Art by Mary Palumbo
Transparency Item: The Perspectives section of the Graphic is comprised of articles based on opinion. This is the opinion and perspective of the writer.
Students often view summer break with a breath of relief — the full weight of school lifts, and there is more room to relax. However, after a while, they quickly find themselves bored and scramble for various activities to fill their time.
Most people hate being bored. There is nothing stimulating or enticing about sitting alone with one’s thoughts. When I find myself in a moment of quiet, I tend to become restless and search for anything to keep busy, such as doing chores.
In the experiment, 42 participants sat quietly doing nothing for 15 minutes. By the end of the time period, nearly half of the participants had administered at least one self-inflicted shock. Prior to those 15 minutes, the same participants had declared they would pay money not to experience the painful shock, according to BBC.
The experience of sitting alone was so unpleasant that people would rather experience pain than be left to their thoughts. Evidently, there is something undesirable about stewing in these emotions.
Especially in this day and age with social media, it feels normal to constantly be on the move. If schoolwork is finished, there is always something else productive to do. If there is a break, the go-to is scrolling on a phone.
People are always keeping their minds busy; it’s no wonder that they often feel drained despite taking time away from their work. However, the obvious unhealthy habits of social media in our daily lives may not be the only thing leaving us exhausted.
I experienced this myself, especially this summer. Arriving back home was wonderful, yet uneasiness continued to stew within me. Aside from work obligations, I filled my days with customary activities, including physical exercise, personal work projects, hobbies and hanging out with friends.
It was a profound improvement from the unhealthy coping mechanisms I employed in years prior. But the terrible, empty feeling still remained, and I did not know why.
The truth was, I made good progress, and that was something to be proud of. But I also realized that I utilized these improved activities to continue avoiding uncomfortable feelings.
“While the need to be busy all the time can help keep our minds off things, it can also increase our stress, anxiety, and mental strain,” according to CalmSage.
At a breaking point, my partner encouraged me to practice mindfulness through meditation, a concept I had often scoffed at.
But it turned out mindfulness was not all about sitting upright on yoga mats and trying to shut off one’s thoughts.
Mindfulness meditation isn’t about stopping those thoughts but rather learning how to relate differently to them and think with a clear, calm, loving attitude, according to Ten Percent Happier.
It can be scary at first, allowing daunting emotions to run their course, but opening up to receive and kindly acknowledge them can make a world of difference. I discovered a few points that have helped my own mindfulness practice.
1. Emotions are impermanent
This concept stems from the Buddhist perspective on life and how things are constantly changing, according to PositivePsychology.com. The heavy feelings might feel terrible, but they don’t last forever.
2. Try to take on a more calm and neutral attitude
Become more observant of the physical and emotional feelings that dwell or pass. Mindfulness tunes into the senses to ground a person in the present moment.
3. Identification is key
Identifying where you feel discomfort in your body and accepting the discomfort — that is, refraining from changing or making the feeling go away — are key steps to sitting with your thoughts, according to The Center for Mindfulness & CBT.
There is no right or wrong way to practice mindfulness. A variety of methods exist and may be used however one feels comfortable.
For example, the body scan is a popular mindfulness practice and focuses on how each part of the body feels, starting from the feet up, according to PositivePsychology.com.
4. Stay Consistent
It surprised me how taking 10 minutes out of my day to sit quietly with myself turned out to be extremely healing.
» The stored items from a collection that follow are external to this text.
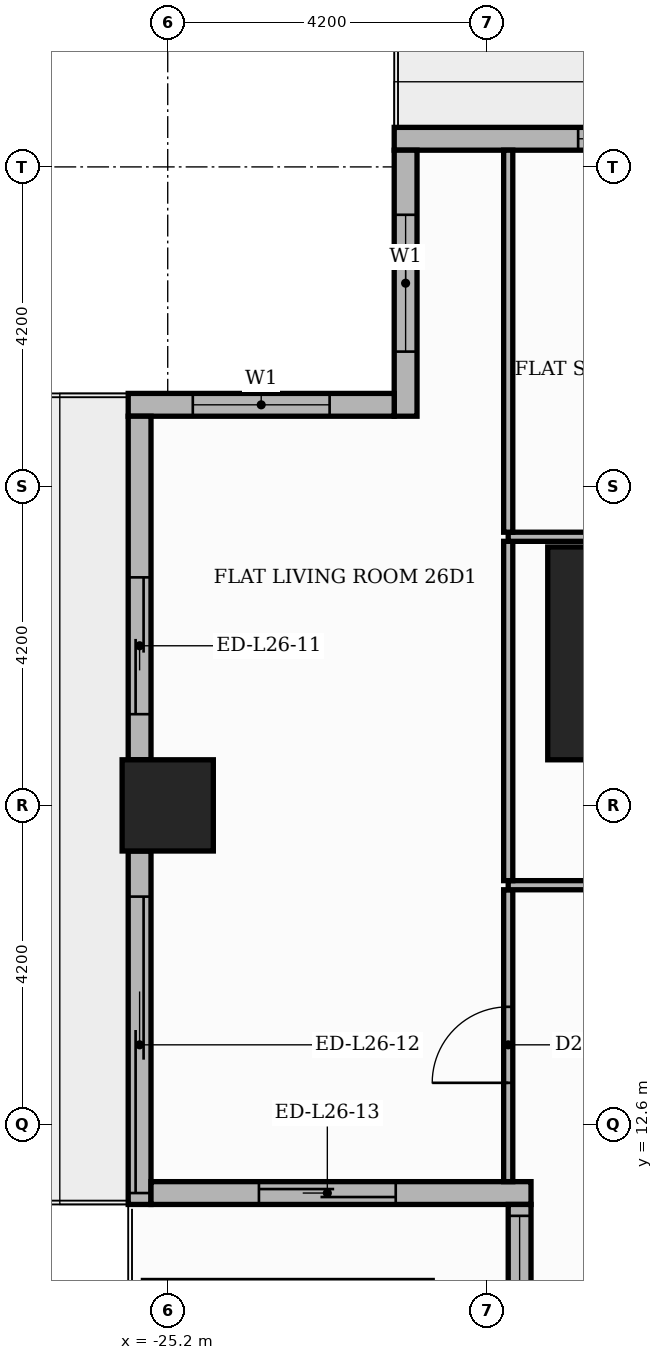
"""IFC4 building model, lengths in metres.
Left out: names, types, materials, properties, quantities, classifications, styles, units other than length and angle.
Written with IfcOpenShell. Run it as: python <this file> out.ifc"""

import sys

from ifc_helpers import new_model, si_unit, direction, frame, frame_2d, origin, origin_2d, place, context, subcontext, project, spatial, rectangle, extrude, element, fill, save


model = new_model("IFC4")
c1 = context("Model", 3, precision=1e-05, world=origin(), true_north=direction((0.0, 1.0)))
c2 = subcontext(c1, "Body", "Model", "MODEL_VIEW")
j1 = project(units=[si_unit("LENGTHUNIT", "METRE"), si_unit("PLANEANGLEUNIT", "RADIAN")], contexts=[c1])
p1 = place(None, origin())
s1 = spatial("IfcSite", under=j1, at=p1, CompositionType="ELEMENT")
p2 = place(p1, origin())
s2 = spatial("IfcBuilding", under=s1, at=p2, CompositionType="ELEMENT")
p3 = place(p2, frame((0.0, 0.0, 110.4)))
s3 = spatial("IfcBuildingStorey", under=s2, at=p3, CompositionType="ELEMENT", Elevation=110.4)
p4 = place(p3, frame((-18.8, 18.8, 0.0), z_axis=(0.0, 0.0, 1.0), x_axis=(1.0, 0.0, 0.0)))
e1 = element("IfcColumn", 1, at=p4, inside=s3, PredefinedType="COLUMN", context=c2, shape_type="SweptSolid", body=[
    extrude(rectangle(XDim=2.8, YDim=2.8, at=origin_2d()), origin(), (0.0, 0.0, 1.0), 3.9),
])
p5 = place(p3, frame((-25.2, 16.8, 0.0), z_axis=(0.0, 0.0, 1.0), x_axis=(1.0, 0.0, 0.0)))
e2 = element("IfcColumn", 2, at=p5, inside=s3, PredefinedType="COLUMN", context=c2, shape_type="SweptSolid", body=[
    extrude(rectangle(XDim=1.2, YDim=1.2, at=origin_2d()), origin(), (0.0, 0.0, 1.0), 3.9),
])
p6 = place(p3, frame((-17.4, 25.57, 0.0), z_axis=(0.0, 0.0, 1.0), x_axis=(-1.0, 0.0, 0.0)))
e3 = element("IfcWall", 3, at=p6, inside=s3, PredefinedType="STANDARD", context=c2, shape_type="SweptSolid", body=[
    extrude(rectangle(XDim=4.82, YDim=0.3, at=frame_2d((2.41, 0.0))), origin(), (0.0, 0.0, 1.0), 3.48),
])
p7 = place(p6, frame((0.6, 0.0, 0.9)))
e4 = element("IfcOpeningElement", 4, at=p7, cuts=e3, PredefinedType="OPENING", context=c2, shape_type="SweptSolid", body=[
    extrude(rectangle(XDim=1.8, YDim=2.1, at=frame_2d((0.9, 1.05))), frame((0.0, 0.16, 0.0), z_axis=(0.0, -1.0, 0.0), x_axis=(1.0, 0.0, 0.0)), (0.0, 0.0, 1.0), 0.32),
])
p8 = place(p3, frame((-22.07, 25.42, 0.0), z_axis=(0.0, 0.0, 1.0), x_axis=(0.0, -1.0, 0.0)))
e5 = element("IfcWall", 5, at=p8, inside=s3, PredefinedType="STANDARD", context=c2, shape_type="SweptSolid", body=[
    extrude(rectangle(XDim=3.5, YDim=0.3, at=frame_2d((1.75, 0.0))), origin(), (0.0, 0.0, 1.0), 3.48),
])
p9 = place(p8, frame((0.85, 0.0, 0.9)))
e6 = element("IfcOpeningElement", 6, at=p9, cuts=e5, PredefinedType="OPENING", context=c2, shape_type="SweptSolid", body=[
    extrude(rectangle(XDim=1.8, YDim=2.1, at=frame_2d((0.9, 1.05))), frame((0.0, 0.16, 0.0), z_axis=(0.0, -1.0, 0.0), x_axis=(1.0, 0.0, 0.0)), (0.0, 0.0, 1.0), 0.32),
])
p10 = place(p3, frame((-22.22, 22.07, 0.0), z_axis=(0.0, 0.0, 1.0), x_axis=(-1.0, 0.0, 0.0)))
e7 = element("IfcWall", 7, at=p10, inside=s3, PredefinedType="STANDARD", context=c2, shape_type="SweptSolid", body=[
    extrude(rectangle(XDim=3.5, YDim=0.3, at=frame_2d((1.75, 0.0))), origin(), (0.0, 0.0, 1.0), 3.48),
])
p11 = place(p10, frame((0.85, 0.0, 0.9)))
e8 = element("IfcOpeningElement", 8, at=p11, cuts=e7, PredefinedType="OPENING", context=c2, shape_type="SweptSolid", body=[
    extrude(rectangle(XDim=1.8, YDim=2.1, at=frame_2d((0.9, 1.05))), frame((0.0, 0.16, 0.0), z_axis=(0.0, -1.0, 0.0), x_axis=(1.0, 0.0, 0.0)), (0.0, 0.0, 1.0), 0.32),
])
p12 = place(p3, frame((-25.57, 21.92, 0.0), z_axis=(0.0, 0.0, 1.0), x_axis=(0.0, -1.0, 0.0)))
e9 = element("IfcWall", 9, at=p12, inside=s3, PredefinedType="STANDARD", context=c2, shape_type="SweptSolid", body=[
    extrude(rectangle(XDim=4.52, YDim=0.3, at=frame_2d((2.26, 0.0))), origin(), (0.0, 0.0, 1.0), 3.48),
])
p13 = place(p12, frame((2.12, 0.0, 0.0)))
e10 = element("IfcOpeningElement", 10, at=p13, cuts=e9, PredefinedType="OPENING", context=c2, shape_type="SweptSolid", body=[
    extrude(rectangle(XDim=1.8, YDim=2.4, at=frame_2d((0.9, 1.2))), frame((0.0, 0.16, 0.0), z_axis=(0.0, -1.0, 0.0), x_axis=(1.0, 0.0, 0.0)), (0.0, 0.0, 1.0), 0.32),
])
p14 = place(p3, frame((-25.57, 16.2, 0.0), z_axis=(0.0, 0.0, 1.0), x_axis=(0.0, -1.0, 0.0)))
e11 = element("IfcWall", 11, at=p14, inside=s3, PredefinedType="STANDARD", context=c2, shape_type="SweptSolid", body=[
    extrude(rectangle(XDim=4.65, YDim=0.3, at=frame_2d((2.325, 0.0))), origin(), (0.0, 0.0, 1.0), 3.48),
])
p15 = place(p14, frame((0.6, 0.0, 0.0)))
e12 = element("IfcOpeningElement", 12, at=p15, cuts=e11, PredefinedType="OPENING", context=c2, shape_type="SweptSolid", body=[
    extrude(rectangle(XDim=3.9, YDim=2.4, at=frame_2d((1.95, 1.2))), frame((0.0, 0.16, 0.0), z_axis=(0.0, -1.0, 0.0), x_axis=(1.0, 0.0, 0.0)), (0.0, 0.0, 1.0), 0.32),
])
p16 = place(p3, frame((-25.42, 11.7, 0.0), z_axis=(0.0, 0.0, 1.0), x_axis=(1.0, 0.0, 0.0)))
e13 = element("IfcWall", 13, at=p16, inside=s3, PredefinedType="STANDARD", context=c2, shape_type="SweptSolid", body=[
    extrude(rectangle(XDim=5.0, YDim=0.3, at=frame_2d((2.5, 0.0))), origin(), (0.0, 0.0, 1.0), 3.48),
])
p17 = place(p16, frame((1.42, 0.0, 0.0)))
e14 = element("IfcOpeningElement", 14, at=p17, cuts=e13, PredefinedType="OPENING", context=c2, shape_type="SweptSolid", body=[
    extrude(rectangle(XDim=1.8, YDim=2.4, at=frame_2d((0.9, 1.2))), frame((0.0, 0.16, 0.0), z_axis=(0.0, -1.0, 0.0), x_axis=(1.0, 0.0, 0.0)), (0.0, 0.0, 1.0), 0.32),
])
p18 = place(p3, frame((-20.57, 11.55, 0.0), z_axis=(0.0, 0.0, 1.0), x_axis=(0.0, -1.0, 0.0)))
e15 = element("IfcWall", 15, at=p18, inside=s3, PredefinedType="STANDARD", context=c2, shape_type="SweptSolid", body=[
    extrude(rectangle(XDim=23.4, YDim=0.3, at=frame_2d((11.7, 0.0))), origin(), (0.0, 0.0, 1.0), 3.48),
])
p19 = place(p18, frame((0.15, 0.0, 0.9)))
e16 = element("IfcOpeningElement", 16, at=p19, cuts=e15, PredefinedType="OPENING", context=c2, shape_type="SweptSolid", body=[
    extrude(rectangle(XDim=6.0, YDim=2.1, at=frame_2d((3.0, 1.05))), frame((0.0, 0.16, 0.0), z_axis=(0.0, -1.0, 0.0), x_axis=(1.0, 0.0, 0.0)), (0.0, 0.0, 1.0), 0.32),
])
p20 = place(p18, frame((6.45, 0.0, 0.9)))
e17 = element("IfcOpeningElement", 17, at=p20, cuts=e15, PredefinedType="OPENING", context=c2, shape_type="SweptSolid", body=[
    extrude(rectangle(XDim=6.0, YDim=2.1, at=frame_2d((3.0, 1.05))), frame((0.0, 0.16, 0.0), z_axis=(0.0, -1.0, 0.0), x_axis=(1.0, 0.0, 0.0)), (0.0, 0.0, 1.0), 0.32),
])
p21 = place(p18, frame((12.75, 0.0, 0.9)))
e18 = element("IfcOpeningElement", 18, at=p21, cuts=e15, PredefinedType="OPENING", context=c2, shape_type="SweptSolid", body=[
    extrude(rectangle(XDim=6.0, YDim=2.1, at=frame_2d((3.0, 1.05))), frame((0.0, 0.16, 0.0), z_axis=(0.0, -1.0, 0.0), x_axis=(1.0, 0.0, 0.0)), (0.0, 0.0, 1.0), 0.32),
])
p22 = place(p18, frame((19.05, 0.0, 0.9)))
e19 = element("IfcOpeningElement", 19, at=p22, cuts=e15, PredefinedType="OPENING", context=c2, shape_type="SweptSolid", body=[
    extrude(rectangle(XDim=3.9, YDim=2.1, at=frame_2d((1.95, 1.05))), frame((0.0, 0.16, 0.0), z_axis=(0.0, -1.0, 0.0), x_axis=(1.0, 0.0, 0.0)), (0.0, 0.0, 1.0), 0.32),
])
p23 = place(p3, frame((-20.72, 11.85, 0.0), z_axis=(0.0, 0.0, 1.0), x_axis=(0.0, 1.0, 0.0)))
e20 = element("IfcWall", 20, at=p23, inside=s3, PredefinedType="PARTITIONING", context=c2, shape_type="SweptSolid", body=[
    extrude(rectangle(XDim=3.84, YDim=0.12, at=frame_2d((1.92, 0.0))), origin(), (0.0, 0.0, 1.0), 3.48),
])
p24 = place(p23, frame((1.3, 0.0, 0.0)))
e21 = element("IfcOpeningElement", 21, at=p24, cuts=e20, PredefinedType="OPENING", context=c2, shape_type="SweptSolid", body=[
    extrude(rectangle(XDim=1.0, YDim=2.1, at=frame_2d((0.5, 1.05))), frame((0.0, 0.07, 0.0), z_axis=(0.0, -1.0, 0.0), x_axis=(1.0, 0.0, 0.0)), (0.0, 0.0, 1.0), 0.14),
])
p25 = place(p3, frame((-20.72, 15.75, 0.0), z_axis=(0.0, 0.0, 1.0), x_axis=(1.0, 0.0, 0.0)))
e22 = element("IfcWall", 22, at=p25, inside=s3, PredefinedType="PARTITIONING", context=c2, shape_type="SweptSolid", body=[
    extrude(rectangle(XDim=6.97, YDim=0.12, at=frame_2d((3.485, 0.0))), origin(), (0.0, 0.0, 1.0), 3.48),
])
p26 = place(p25, frame((3.035, 0.0, 0.0)))
e23 = element("IfcOpeningElement", 23, at=p26, cuts=e22, PredefinedType="OPENING", context=c2, shape_type="SweptSolid", body=[
    extrude(rectangle(XDim=1.0, YDim=2.1, at=frame_2d((0.5, 1.05))), frame((0.0, 0.07, 0.0), z_axis=(0.0, -1.0, 0.0), x_axis=(1.0, 0.0, 0.0)), (0.0, 0.0, 1.0), 0.14),
])
p27 = place(p3, frame((-20.72, 15.81, 0.0), z_axis=(0.0, 0.0, 1.0), x_axis=(0.0, 1.0, 0.0)))
e24 = element("IfcWall", 24, at=p27, inside=s3, PredefinedType="PARTITIONING", context=c2, shape_type="SweptSolid", body=[
    extrude(rectangle(XDim=4.464, YDim=0.12, at=frame_2d((2.232, 0.0))), origin(), (0.0, 0.0, 1.0), 3.48),
])
p28 = place(p3, frame((-20.72, 20.334, 0.0), z_axis=(0.0, 0.0, 1.0), x_axis=(1.0, 0.0, 0.0)))
e25 = element("IfcWall", 25, at=p28, inside=s3, PredefinedType="PARTITIONING", context=c2, shape_type="SweptSolid", body=[
    extrude(rectangle(XDim=6.97, YDim=0.12, at=frame_2d((3.485, 0.0))), origin(), (0.0, 0.0, 1.0), 3.48),
])
p29 = place(p28, frame((4.853, 0.0, 0.0)))
e26 = element("IfcOpeningElement", 26, at=p29, cuts=e25, PredefinedType="OPENING", context=c2, shape_type="SweptSolid", body=[
    extrude(rectangle(XDim=0.9, YDim=2.1, at=frame_2d((0.45, 1.05))), frame((0.0, 0.07, 0.0), z_axis=(0.0, -1.0, 0.0), x_axis=(1.0, 0.0, 0.0)), (0.0, 0.0, 1.0), 0.14),
])
p30 = place(p3, frame((-20.72, 20.394, 0.0), z_axis=(0.0, 0.0, 1.0), x_axis=(0.0, 1.0, 0.0)))
e27 = element("IfcWall", 27, at=p30, inside=s3, PredefinedType="PARTITIONING", context=c2, shape_type="SweptSolid", body=[
    extrude(rectangle(XDim=5.026, YDim=0.12, at=frame_2d((2.513, 0.0))), origin(), (0.0, 0.0, 1.0), 3.48),
])
p31 = place(p7, origin())
e28 = element("IfcWindow", 28, at=p31, inside=s3, PartitioningType="SINGLE_PANEL", PredefinedType="WINDOW", context=c2, shape_type="SweptSolid", body=[
    extrude(rectangle(XDim=1.8, YDim=2.1, at=frame_2d((0.9, 1.05))), frame((0.0, 0.03, 0.0), z_axis=(0.0, -1.0, 0.0), x_axis=(1.0, 0.0, 0.0)), (0.0, 0.0, 1.0), 0.06),
])
fill(e4, e28)
p32 = place(p9, origin())
e29 = element("IfcWindow", 29, at=p32, inside=s3, PartitioningType="SINGLE_PANEL", PredefinedType="WINDOW", context=c2, shape_type="SweptSolid", body=[
    extrude(rectangle(XDim=1.8, YDim=2.1, at=frame_2d((0.9, 1.05))), frame((0.0, 0.03, 0.0), z_axis=(0.0, -1.0, 0.0), x_axis=(1.0, 0.0, 0.0)), (0.0, 0.0, 1.0), 0.06),
])
fill(e6, e29)
p33 = place(p11, origin())
e30 = element("IfcWindow", 30, at=p33, inside=s3, PartitioningType="SINGLE_PANEL", PredefinedType="WINDOW", context=c2, shape_type="SweptSolid", body=[
    extrude(rectangle(XDim=1.8, YDim=2.1, at=frame_2d((0.9, 1.05))), frame((0.0, 0.03, 0.0), z_axis=(0.0, -1.0, 0.0), x_axis=(1.0, 0.0, 0.0)), (0.0, 0.0, 1.0), 0.06),
])
fill(e8, e30)
p34 = place(p13, origin())
e31 = element("IfcDoor", 31, at=p34, inside=s3, OperationType="SLIDING_TO_RIGHT", PredefinedType="DOOR", context=c2, shape_type="SweptSolid", body=[
    extrude(rectangle(XDim=1.8, YDim=2.4, at=frame_2d((0.9, 1.2))), frame((0.0, 0.025, 0.0), z_axis=(0.0, -1.0, 0.0), x_axis=(1.0, 0.0, 0.0)), (0.0, 0.0, 1.0), 0.05),
])
fill(e10, e31)
p35 = place(p15, origin())
e32 = element("IfcDoor", 32, at=p35, inside=s3, OperationType="SLIDING_TO_LEFT", PredefinedType="DOOR", context=c2, shape_type="SweptSolid", body=[
    extrude(rectangle(XDim=3.9, YDim=2.4, at=frame_2d((1.95, 1.2))), frame((0.0, 0.025, 0.0), z_axis=(0.0, -1.0, 0.0), x_axis=(1.0, 0.0, 0.0)), (0.0, 0.0, 1.0), 0.05),
])
fill(e12, e32)
p36 = place(p17, origin())
e33 = element("IfcDoor", 33, at=p36, inside=s3, OperationType="SLIDING_TO_LEFT", PredefinedType="DOOR", context=c2, shape_type="SweptSolid", body=[
    extrude(rectangle(XDim=1.8, YDim=2.4, at=frame_2d((0.9, 1.2))), frame((0.0, 0.025, 0.0), z_axis=(0.0, -1.0, 0.0), x_axis=(1.0, 0.0, 0.0)), (0.0, 0.0, 1.0), 0.05),
])
fill(e14, e33)
p37 = place(p19, origin())
e34 = element("IfcWindow", 34, at=p37, inside=s3, PartitioningType="SINGLE_PANEL", PredefinedType="WINDOW", context=c2, shape_type="SweptSolid", body=[
    extrude(rectangle(XDim=6.0, YDim=2.1, at=frame_2d((3.0, 1.05))), frame((0.0, 0.03, 0.0), z_axis=(0.0, -1.0, 0.0), x_axis=(1.0, 0.0, 0.0)), (0.0, 0.0, 1.0), 0.06),
])
fill(e16, e34)
p38 = place(p24, origin())
e35 = element("IfcDoor", 35, at=p38, inside=s3, OperationType="SINGLE_SWING_LEFT", PredefinedType="DOOR", context=c2, shape_type="SweptSolid", body=[
    extrude(rectangle(XDim=1.0, YDim=2.1, at=frame_2d((0.5, 1.05))), frame((0.0, 0.025, 0.0), z_axis=(0.0, -1.0, 0.0), x_axis=(1.0, 0.0, 0.0)), (0.0, 0.0, 1.0), 0.05),
])
fill(e21, e35)
save(model, sys.argv[1])

Not only did it mentally prepare and calm my mind for the day but I also learned a lot about myself when I sat through difficult emotions.
Up until that point, I realized I didn’t have much mental or physical awareness about myself. I was conditioned to just push past anything that hindered my work or leave it to God without practically doing anything for myself.
This restless lifestyle is especially easy to fall back into as the new school year approaches. While it’s tempting to fill the days with constant activities, it is equally important to allot time to rest. Your mind and body deserve it.